Psalm 31 begins with King David declaring: “In you, Lord, I have taken refuge.” By referencing part of the psalm, Jesus draws our attention to the whole of it, which is effectively a plea for asylum. In the middle of great personal distress, David’s cry expresses his trust in God’s protective care, in which he seeks refuge. Despite all appearances God is his safe place, his panic room, his fortress. Jesus now asks for the same hospitality from God: for sanctuary from the turmoil that he is in.

The cross of Christ points us to Jesus as an asylum seeker, a refugee suffering terror and torture. If we have refuge in God through his mercy, it seems only natural that we should seek to offer refuge to those in need around us. It is our hospitality to those who need it most that reflects this aspect of Jesus’ words from the cross.

7. “It is finished”

There are so many different ways in which the words “It is finished” are true (John 19:30). Jesus’ own suffering is finished – he has identified with the pain of humanity to the utmost extreme. The sacrificial system, which had sustained Jewish religious practice for so long, is finished and done with because the wrath of God is utterly satisfied with the sacrifice of his only Son. The captivity of humanity to sin is finished with the payment of the ransom necessary to liberate us from slavery to sin. The Passover is finished as Jesus, the Lamb of God who takes away the sins of the world, fulfils all that God’s rescue of his people from Egypt symbolised. The decisive battle with evil is finished as Jesus the conquering king wins victory by dying in our place.
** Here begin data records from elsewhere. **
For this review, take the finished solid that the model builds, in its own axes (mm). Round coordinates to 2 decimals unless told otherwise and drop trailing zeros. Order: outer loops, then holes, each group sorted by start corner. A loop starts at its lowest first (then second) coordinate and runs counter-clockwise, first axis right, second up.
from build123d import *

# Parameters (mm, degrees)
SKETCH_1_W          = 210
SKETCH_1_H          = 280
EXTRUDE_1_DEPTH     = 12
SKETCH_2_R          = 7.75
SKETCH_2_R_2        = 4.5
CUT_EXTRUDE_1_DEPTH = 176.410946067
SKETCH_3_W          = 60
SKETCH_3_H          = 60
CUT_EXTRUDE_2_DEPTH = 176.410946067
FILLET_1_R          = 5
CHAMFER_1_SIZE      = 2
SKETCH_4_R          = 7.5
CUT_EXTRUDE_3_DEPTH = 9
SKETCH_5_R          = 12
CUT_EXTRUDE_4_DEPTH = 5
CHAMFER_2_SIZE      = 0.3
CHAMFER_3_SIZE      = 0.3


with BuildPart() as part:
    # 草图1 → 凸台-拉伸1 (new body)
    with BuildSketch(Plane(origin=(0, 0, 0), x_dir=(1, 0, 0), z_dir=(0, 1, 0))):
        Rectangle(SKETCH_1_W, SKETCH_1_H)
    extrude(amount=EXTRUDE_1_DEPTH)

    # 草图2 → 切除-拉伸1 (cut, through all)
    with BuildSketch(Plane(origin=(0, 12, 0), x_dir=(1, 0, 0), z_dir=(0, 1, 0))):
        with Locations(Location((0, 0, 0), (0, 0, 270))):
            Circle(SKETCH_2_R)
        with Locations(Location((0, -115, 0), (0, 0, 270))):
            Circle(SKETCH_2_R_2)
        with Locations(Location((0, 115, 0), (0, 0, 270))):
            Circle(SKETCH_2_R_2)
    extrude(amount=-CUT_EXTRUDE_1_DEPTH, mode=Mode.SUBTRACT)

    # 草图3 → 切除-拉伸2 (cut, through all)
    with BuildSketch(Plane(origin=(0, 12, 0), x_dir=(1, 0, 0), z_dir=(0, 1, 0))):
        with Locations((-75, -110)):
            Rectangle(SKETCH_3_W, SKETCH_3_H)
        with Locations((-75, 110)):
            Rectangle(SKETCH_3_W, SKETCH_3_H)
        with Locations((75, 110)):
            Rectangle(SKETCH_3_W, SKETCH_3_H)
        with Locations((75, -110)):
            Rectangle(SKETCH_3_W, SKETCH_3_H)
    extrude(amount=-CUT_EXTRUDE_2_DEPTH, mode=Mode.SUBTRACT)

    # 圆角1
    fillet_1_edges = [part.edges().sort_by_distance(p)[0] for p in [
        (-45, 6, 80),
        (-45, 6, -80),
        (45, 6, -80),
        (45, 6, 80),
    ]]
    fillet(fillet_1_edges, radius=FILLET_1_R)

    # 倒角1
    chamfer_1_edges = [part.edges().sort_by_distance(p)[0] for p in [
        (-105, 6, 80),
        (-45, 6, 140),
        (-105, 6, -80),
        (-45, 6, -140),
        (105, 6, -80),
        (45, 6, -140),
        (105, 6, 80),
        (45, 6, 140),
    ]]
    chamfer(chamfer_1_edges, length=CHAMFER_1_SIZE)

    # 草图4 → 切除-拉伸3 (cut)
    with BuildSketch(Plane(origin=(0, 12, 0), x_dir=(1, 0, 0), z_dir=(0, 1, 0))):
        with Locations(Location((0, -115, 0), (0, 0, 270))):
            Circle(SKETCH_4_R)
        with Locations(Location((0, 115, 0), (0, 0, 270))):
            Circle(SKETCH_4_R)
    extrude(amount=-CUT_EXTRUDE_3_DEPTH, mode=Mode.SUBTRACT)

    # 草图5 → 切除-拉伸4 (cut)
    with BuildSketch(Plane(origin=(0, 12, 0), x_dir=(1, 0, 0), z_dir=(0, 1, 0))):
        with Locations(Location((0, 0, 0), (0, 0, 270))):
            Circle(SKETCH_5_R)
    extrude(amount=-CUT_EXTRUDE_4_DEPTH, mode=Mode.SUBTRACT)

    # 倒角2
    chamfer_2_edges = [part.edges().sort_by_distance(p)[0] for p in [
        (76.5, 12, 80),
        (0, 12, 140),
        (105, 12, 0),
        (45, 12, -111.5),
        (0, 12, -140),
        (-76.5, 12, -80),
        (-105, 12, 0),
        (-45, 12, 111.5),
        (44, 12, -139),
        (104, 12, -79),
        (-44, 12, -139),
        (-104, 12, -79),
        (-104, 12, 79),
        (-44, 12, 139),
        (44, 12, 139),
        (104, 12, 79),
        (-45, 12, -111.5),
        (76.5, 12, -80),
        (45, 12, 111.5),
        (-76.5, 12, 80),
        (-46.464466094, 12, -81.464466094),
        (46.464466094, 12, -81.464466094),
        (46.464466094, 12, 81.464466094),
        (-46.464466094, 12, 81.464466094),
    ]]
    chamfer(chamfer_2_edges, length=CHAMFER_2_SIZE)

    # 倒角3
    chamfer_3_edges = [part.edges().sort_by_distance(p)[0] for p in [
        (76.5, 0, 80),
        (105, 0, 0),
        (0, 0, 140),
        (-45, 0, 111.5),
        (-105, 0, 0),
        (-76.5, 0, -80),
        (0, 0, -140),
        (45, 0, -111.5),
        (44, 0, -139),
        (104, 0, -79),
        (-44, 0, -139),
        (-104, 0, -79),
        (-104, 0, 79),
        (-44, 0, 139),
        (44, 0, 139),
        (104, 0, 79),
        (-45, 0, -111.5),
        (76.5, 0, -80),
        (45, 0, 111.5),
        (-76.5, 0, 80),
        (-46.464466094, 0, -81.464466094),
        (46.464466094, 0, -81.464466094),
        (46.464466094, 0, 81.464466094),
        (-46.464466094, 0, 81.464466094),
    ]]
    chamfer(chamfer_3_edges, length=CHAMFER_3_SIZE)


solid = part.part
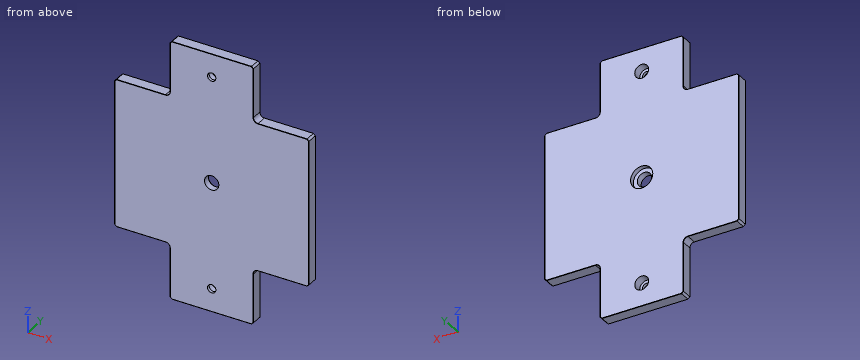
(1) Clearance check with flat-ended pins moving along their axes: P1, Ø5.5, axis at x = -81, y = 7, coming from the +Z side; P2, Ø18, axis at x = 0, z = 0, coming from the +Y side; P3, Ø4, axis at x = 46, y = 5.5, coming from the -Z side; P4, Ø14.5, axis at x = 0, z = 0, coming from the +Y side. State where each tip first meets the part, or that it passes through.
(2) Add section B-B on x = 0. Count the separate pieces of the cut face and the enclosed holes in it, plus the area to 3 significant figures.
(3) Add section C-C on y = 5. Give the boundary of the cut face in (x, z), plus the area to 3 significant figures.
(4) Wall thickness on L1, parallel to X at y = 7.5, z = 115; L2, parallel to X at y = 5.5, z = -121; L3, parallel to Z at x = 54.5, y = 8.5: over which ranges is each line inside the solid? List them lowest first.
(5) Add section D-D on z = -103.5. Give the boundary of the cut face in (x, y).
(6) Add section A-A on z = 0. Give the boundary of the cut face in (x, y).
Here are the results:
1. P1: stops at z = 80
1. P2: stops at y = 7
1. P3: stops at z = -139
1. P4: passes through
2. separate pieces: 4
2. enclosed holes: 0
2. area: 2,810 mm2
3. outline: (-105, -78) - (-103, -80) - (-50, -80) arc R5 cw to (-45, -85) - (-45, -138) - (-43, -140) - (43, -140) - (45, -138) - (45, -85) arc R5 cw to (50, -80) - (103, -80) - (105, -78) - (105, 78) - (103, 80) - (50, 80) arc R5 cw to (45, 85) - (45, 138) - (43, 140) - (-43, 140) - (-45, 138) - (-45, 85) arc R5 cw to (-50, 80) - (-103, 80) - (-105, 78) - close; hole circle Ø15.5 at (0, 0); hole circle Ø15 at (0, -115); hole circle Ø15 at (0, 115)
3. area: 43,900 mm2
4. L1: x = -45 to -7.5, 7.5 to 45
4. L2: x = -45 to -4.5, 4.5 to 45
4. L3: z = -80 to 80
5. outline: (-45, 0.3) - (-44.7, 0) - (44.7, 0) - (45, 0.3) - (45, 11.7) - (44.7, 12) - (-44.7, 12) - (-45, 11.7) - close
6. outline: (-105, 0.3) - (-104.7, 0) - (-7.75, 0) - (-7.75, 7) - (-12, 7) - (-12, 12) - (-104.7, 12) - (-105, 11.7) - close; (7.75, 0) - (104.7, 0) - (105, 0.3) - (105, 11.7) - (104.7, 12) - (12, 12) - (12, 7) - (7.75, 7) - close

The cross of Christ proclaims that our exclusion from God's presence is finally over. The door is thrown open wide. We can finally be welcomed home.

The wonder of the cross

Although he was on the receiving end of the greatest hostility humanity could muster against him, Jesus turned the cross into the event that offers humanity the greatest hospitality.

As we reflect on the profound richness of the cross, we will discover that, just like the Tardis, the truths are bigger and more wondrous that we had imagined. The cross, and Jesus dying there, reinforces the welcome that it represents – we are invited into intimacy with God the Father, and with our family in Christ. It also demands that we share that welcome to all in both word and deed.